“你以前怎么揽客那是以前的事,现在请你放下那点手段,这里,不需要你揽客。”
“精绣自会吸引贵人。”
朱樱虽不说话,不满地表情摆在了脸上。
木清瑶算是看出来了,就针对自己来呢。
木清瑶忽然开口:“现在有铺理了。”话音一落,看向了鞠婶和花娘,当众宣誓:“这两位阿嬷就是玲珑成衣铺的铺理。”
朱樱听到前面那句话还以为是自己呢,听到是两个老太婆后脸色黑得不要不要的。
鞠婶和花娘一脸受宠若惊:“清瑶啊,这!”
又不好意思当众说自己绣工不佳,这不是撕了清瑶的面子吗,只好谢过几声。
“清瑶既然相信我们这几个老太婆,那我们可就好好干了。”
“谁捍拒,谁不服从,可以收拾包裹走人了。”木清瑶忽然看向朱樱,就差点她的名了。
想着,便点了。
对这些年轻气旺的女孩,还是要把话说直白点。
“朱樱,你说你擅长揽客,这不就是说明你绣工不行吗,如若你绣工真的出色,那你还用去拉客吗?”
木清瑶的这一句话,直击人心,朱樱当场就说不出话来了。
经过的好几次的交谈,主樱发现木清瑶的思想和作风远超同龄人,没有一点少女的稚嫩。
朱樱自知没理,只好嘀咕一声:“反正我绣工就是出色,我就不信这来个什么都没学过的会比我厉害……”

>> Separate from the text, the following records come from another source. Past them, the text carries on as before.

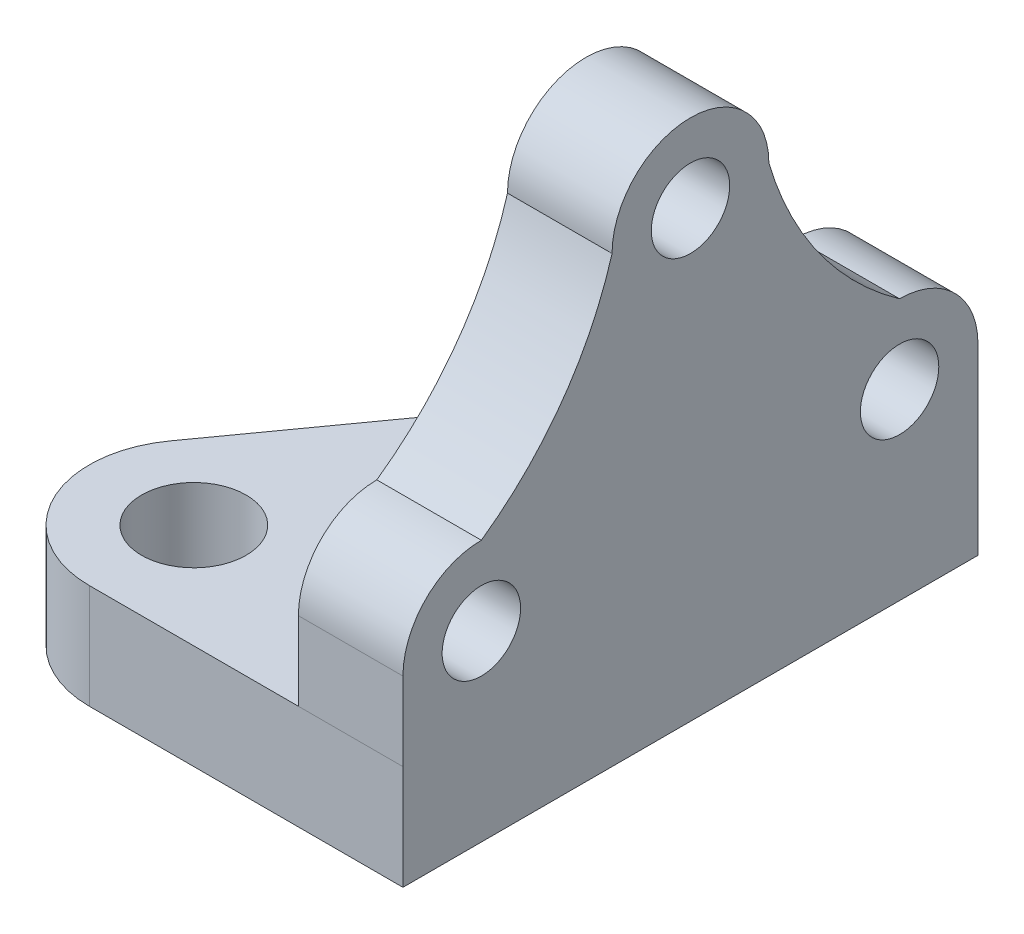
ISO-10303-21;
HEADER;
FILE_DESCRIPTION(('STEP AP214'),'2;1');
FILE_NAME('part.step','',(''),(''),'','','');
FILE_SCHEMA(('AUTOMOTIVE_DESIGN { 1 0 10303 214 1 1 1 1 }'));
ENDSEC;
DATA;
#1=APPLICATION_CONTEXT('core data for automotive mechanical design processes');
#2=APPLICATION_PROTOCOL_DEFINITION('international standard','automotive_design',2000,#1);
#3=PRODUCT_CONTEXT('',#1,'mechanical');
#4=PRODUCT('Part','Part','',(#3));
#5=PRODUCT_RELATED_PRODUCT_CATEGORY('part','',(#4));
#6=PRODUCT_DEFINITION_FORMATION('','',#4);
#7=PRODUCT_DEFINITION_CONTEXT('part definition',#1,'design');
#8=PRODUCT_DEFINITION('design','',#6,#7);
#9=PRODUCT_DEFINITION_SHAPE('','',#8);
#10=(LENGTH_UNIT() NAMED_UNIT(*) SI_UNIT(.MILLI.,.METRE.));
#11=(NAMED_UNIT(*) PLANE_ANGLE_UNIT() SI_UNIT($,.RADIAN.));
#12=(NAMED_UNIT(*) SI_UNIT($,.STERADIAN.) SOLID_ANGLE_UNIT());
#13=UNCERTAINTY_MEASURE_WITH_UNIT(LENGTH_MEASURE(1.E-05),#10,'distance_accuracy_value','');
#14=(GEOMETRIC_REPRESENTATION_CONTEXT(3) GLOBAL_UNCERTAINTY_ASSIGNED_CONTEXT((#13)) GLOBAL_UNIT_ASSIGNED_CONTEXT((#10,
#11,#12)) REPRESENTATION_CONTEXT('',''));
#15=CARTESIAN_POINT('',(0.,0.,0.));
#16=DIRECTION('',(0.,0.,1.));
#17=DIRECTION('',(1.,0.,0.));
#18=AXIS2_PLACEMENT_3D('',#15,#16,#17);
#19=CARTESIAN_POINT('',(20.,68.1526978623619,-77.4137770073067));
#20=DIRECTION('',(1.,0.,0.));
#21=DIRECTION('',(0.,0.,-1.));
#22=AXIS2_PLACEMENT_3D('',#19,#20,#21);
#23=PLANE('',#22);
#24=CARTESIAN_POINT('',(20.,0.,-40.));
#25=DIRECTION('',(1.,0.,0.));
#26=DIRECTION('',(0.,0.,-1.));
#27=AXIS2_PLACEMENT_3D('',#24,#25,#26);
#28=CIRCLE('',#27,7.5);
#29=CARTESIAN_POINT('',(20.,0.,-47.5));
#30=VERTEX_POINT('',#29);
#31=EDGE_CURVE('E154',#30,#30,#28,.T.);
#32=ORIENTED_EDGE('',*,*,#31,.F.);
#33=EDGE_LOOP('',(#32));
#34=FACE_BOUND('',#33,.T.);
#35=CARTESIAN_POINT('',(20.,68.1526978623619,-77.4137770073067));
#36=DIRECTION('',(-1.,0.,0.));
#37=DIRECTION('',(0.,0.,-1.));
#38=AXIS2_PLACEMENT_3D('',#35,#36,#37);
#39=CIRCLE('',#38,65.);
#40=CARTESIAN_POINT('',(20.,15.,-40.));
#41=VERTEX_POINT('',#40);
#42=CARTESIAN_POINT('',(20.,50.,-15.));
#43=VERTEX_POINT('',#42);
#44=EDGE_CURVE('E170',#41,#43,#39,.T.);
#45=ORIENTED_EDGE('',*,*,#44,.T.);
#46=CARTESIAN_POINT('',(20.,50.,0.));
#47=DIRECTION('',(1.,0.,0.));
#48=DIRECTION('',(0.,0.,-1.));
#49=AXIS2_PLACEMENT_3D('',#46,#47,#48);
#50=CIRCLE('',#49,15.);
#51=CARTESIAN_POINT('',(20.,50.,15.));
#52=VERTEX_POINT('',#51);
#53=EDGE_CURVE('E100',#43,#52,#50,.T.);
#54=ORIENTED_EDGE('',*,*,#53,.T.);
#55=CARTESIAN_POINT('',(20.,68.1526978623619,77.4137770073067));
#56=DIRECTION('',(-1.,0.,0.));
#57=DIRECTION('',(0.,0.,1.));
#58=AXIS2_PLACEMENT_3D('',#55,#56,#57);
#59=CIRCLE('',#58,65.);
#60=CARTESIAN_POINT('',(20.,15.,40.));
#61=VERTEX_POINT('',#60);
#62=EDGE_CURVE('E168',#52,#61,#59,.T.);
#63=ORIENTED_EDGE('',*,*,#62,.T.);
#64=CARTESIAN_POINT('',(20.,0.,40.));
#65=DIRECTION('',(1.,0.,0.));
#66=DIRECTION('',(0.,0.,-1.));
#67=AXIS2_PLACEMENT_3D('',#64,#65,#66);
#68=CIRCLE('',#67,15.);
#69=CARTESIAN_POINT('',(20.,0.,55.));
#70=VERTEX_POINT('',#69);
#71=EDGE_CURVE('E116',#61,#70,#68,.T.);
#72=ORIENTED_EDGE('',*,*,#71,.T.);
#73=DIRECTION('',(0.,-0.999999995009303,9.9906924504711E-05));
#74=VECTOR('',#73,1.);
#75=CARTESIAN_POINT('',(20.,-15.,55.001498603875));
#76=LINE('',#75,#74);
#77=CARTESIAN_POINT('',(20.,-15.,55.001498603875));
#78=VERTEX_POINT('',#77);
#79=EDGE_CURVE('E112',#70,#78,#76,.T.);
#80=ORIENTED_EDGE('',*,*,#79,.T.);
#81=DIRECTION('',(0.,1.,0.));
#82=VECTOR('',#81,1.);
#83=CARTESIAN_POINT('',(20.,-35.,55.001498603875));
#84=LINE('',#83,#82);
#85=CARTESIAN_POINT('',(20.,-35.,55.001498603875));
#86=VERTEX_POINT('',#85);
#87=EDGE_CURVE('E119',#86,#78,#84,.T.);
#88=ORIENTED_EDGE('',*,*,#87,.F.);
#89=DIRECTION('',(0.,0.,1.));
#90=VECTOR('',#89,1.);
#91=CARTESIAN_POINT('',(20.,-35.,-55.));
#92=LINE('',#91,#90);
#93=CARTESIAN_POINT('',(20.,-35.,-55.));
#94=VERTEX_POINT('',#93);
#95=EDGE_CURVE('E415',#94,#86,#92,.T.);
#96=ORIENTED_EDGE('',*,*,#95,.F.);
#97=DIRECTION('',(0.,1.,0.));
#98=VECTOR('',#97,1.);
#99=CARTESIAN_POINT('',(20.,0.,-55.));
#100=LINE('',#99,#98);
#101=CARTESIAN_POINT('',(20.,0.,-55.));
#102=VERTEX_POINT('',#101);
#103=EDGE_CURVE('E122',#94,#102,#100,.T.);
#104=ORIENTED_EDGE('',*,*,#103,.T.);
#105=CARTESIAN_POINT('',(20.,0.,-40.));
#106=DIRECTION('',(1.,0.,0.));
#107=DIRECTION('',(0.,0.,-1.));
#108=AXIS2_PLACEMENT_3D('',#105,#106,#107);
#109=CIRCLE('',#108,15.);
#110=EDGE_CURVE('E57',#102,#41,#109,.T.);
#111=ORIENTED_EDGE('',*,*,#110,.T.);
#112=EDGE_LOOP('',(#45,#54,#63,#72,#80,#88,#96,#104,#111));
#113=FACE_BOUND('',#112,.T.);
#114=CARTESIAN_POINT('',(20.,50.,0.));
#115=DIRECTION('',(1.,0.,0.));
#116=DIRECTION('',(0.,0.,-1.));
#117=AXIS2_PLACEMENT_3D('',#114,#115,#116);
#118=CIRCLE('',#117,7.5);
#119=CARTESIAN_POINT('',(20.,50.,-7.5));
#120=VERTEX_POINT('',#119);
#121=EDGE_CURVE('E161',#120,#120,#118,.T.);
#122=ORIENTED_EDGE('',*,*,#121,.F.);
#123=EDGE_LOOP('',(#122));
#124=FACE_BOUND('',#123,.T.);
#125=CARTESIAN_POINT('',(20.,0.,40.));
#126=DIRECTION('',(1.,0.,0.));
#127=DIRECTION('',(0.,0.,-1.));
#128=AXIS2_PLACEMENT_3D('',#125,#126,#127);
#129=CIRCLE('',#128,7.5);
#130=CARTESIAN_POINT('',(20.,0.,32.5));
#131=VERTEX_POINT('',#130);
#132=EDGE_CURVE('E144',#131,#131,#129,.T.);
#133=ORIENTED_EDGE('',*,*,#132,.F.);
#134=EDGE_LOOP('',(#133));
#135=FACE_BOUND('',#134,.T.);
#136=ADVANCED_FACE('F39',(#34,#113,#124,#135),#23,.T.);
#137=CARTESIAN_POINT('',(0.,68.1526978623619,-77.4137770073067));
#138=DIRECTION('',(1.,0.,0.));
#139=DIRECTION('',(0.,0.,-1.));
#140=AXIS2_PLACEMENT_3D('',#137,#138,#139);
#141=PLANE('',#140);
#142=CARTESIAN_POINT('',(0.,68.1526978623619,-77.4137770073067));
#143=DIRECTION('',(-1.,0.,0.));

很小声,断断续续几个字,但木清瑶是在凝视着她的,根据口型就可以估出来。
说自己绣工出色没毛病,毕竟,是个人都不会往自己脸上贴屎吧。
木清瑶点点头,道:“从现在开始,你们每人绣一副小绣,午时过后,我会亲自来检查,谁的绣工出色与否,一目了然。”
光会绣工还不行。
“再加上一件版衣,布料,颜色,结构,全都要标出来。”
木清瑶观摩过玲珑成衣铺里的样衣,我简直就是灾难现场,全是一张版衣套十件衣裳,雷同一律。
版衣这方面她还是略懂的。
这对主樱来说可是一次大显身手的好机会,心想着,反正木清瑶这个不懂绣工的外行人也看不懂。
“好啊,我的绣工若是最出色,那我是不是可以重新当铺理?”
“铺理跟绣工没二毛关系。”木清瑶即刻回绝,语气简直:“绣工和工钱挂钩,你绣工越出色,拿的钱越多。”
“不是固定工钱的吗?”她们纷纷诧异一声。
在玲珑成衣铺多年,从来没听说过可以加工钱的,除非是铺理,做的事情多一点,才会多一点工钱。这也就是朱樱为什么要争铺理这个位置。
还有一点难启齿的就是要陪伴客人才能拿到另一份补贴。
“不是啊。”木清瑶比她们更诧异,人人都是一样的工钱,不怕惰性成群吗?
“那不用做其他的事吧?”有人怯怯地来了句。
木清瑶听到这非常不满,她严重的怀疑她们是不是被洗脑了,怎么来想着以前那套。
“谁再提、再想、再论以前那出事,可以卷铺盖走人了。”木清瑶用警告的眼神扫了一眼众人,继续道:“主要你们的绣工,其他的就是你们的售卖能力了。”
绣工就代表着客源了,没人会愿意找一个手粗的人做衣服。
场面肃静了许多。
木清瑶直接给他们打了一针安定针:“铺理是我的人选,你们都是同一等级的绣工,没有上下之分,若真的要比较,那就拿绣工来比较。“
说话之后没有一个人插嘴了,再吩咐了几件事,见她们没有异议后就带着随意的人离开了。
等他们都走后,有个绣娘看向了一脸信誓旦旦的朱樱,好心地说了句:“樱姐姐,随意饭馆的那个掌柜做版衣很厉害的,那天你不在铺里的时候,我们是亲眼目睹的,我们可以向她请教请教的……”
“闭嘴。”朱樱撇了她一眼:“别搞笑了,绣工都不会,还会版衣?画出来都不一定能穿上身。”
“那边在议论什么?没听到刚才木东家吩咐的事吗?”鞠婶看到围堵在一起窃窃私语的小群体,唤了一声。
鞠婶和花娘都是属于声音温和长相慈善的人,所以召唤起来没有一点权威。
绣娘们半拖半将才把绣线穿上,像一盘散乱的蜂窝,没有一点次序,都在忙弄自己的事。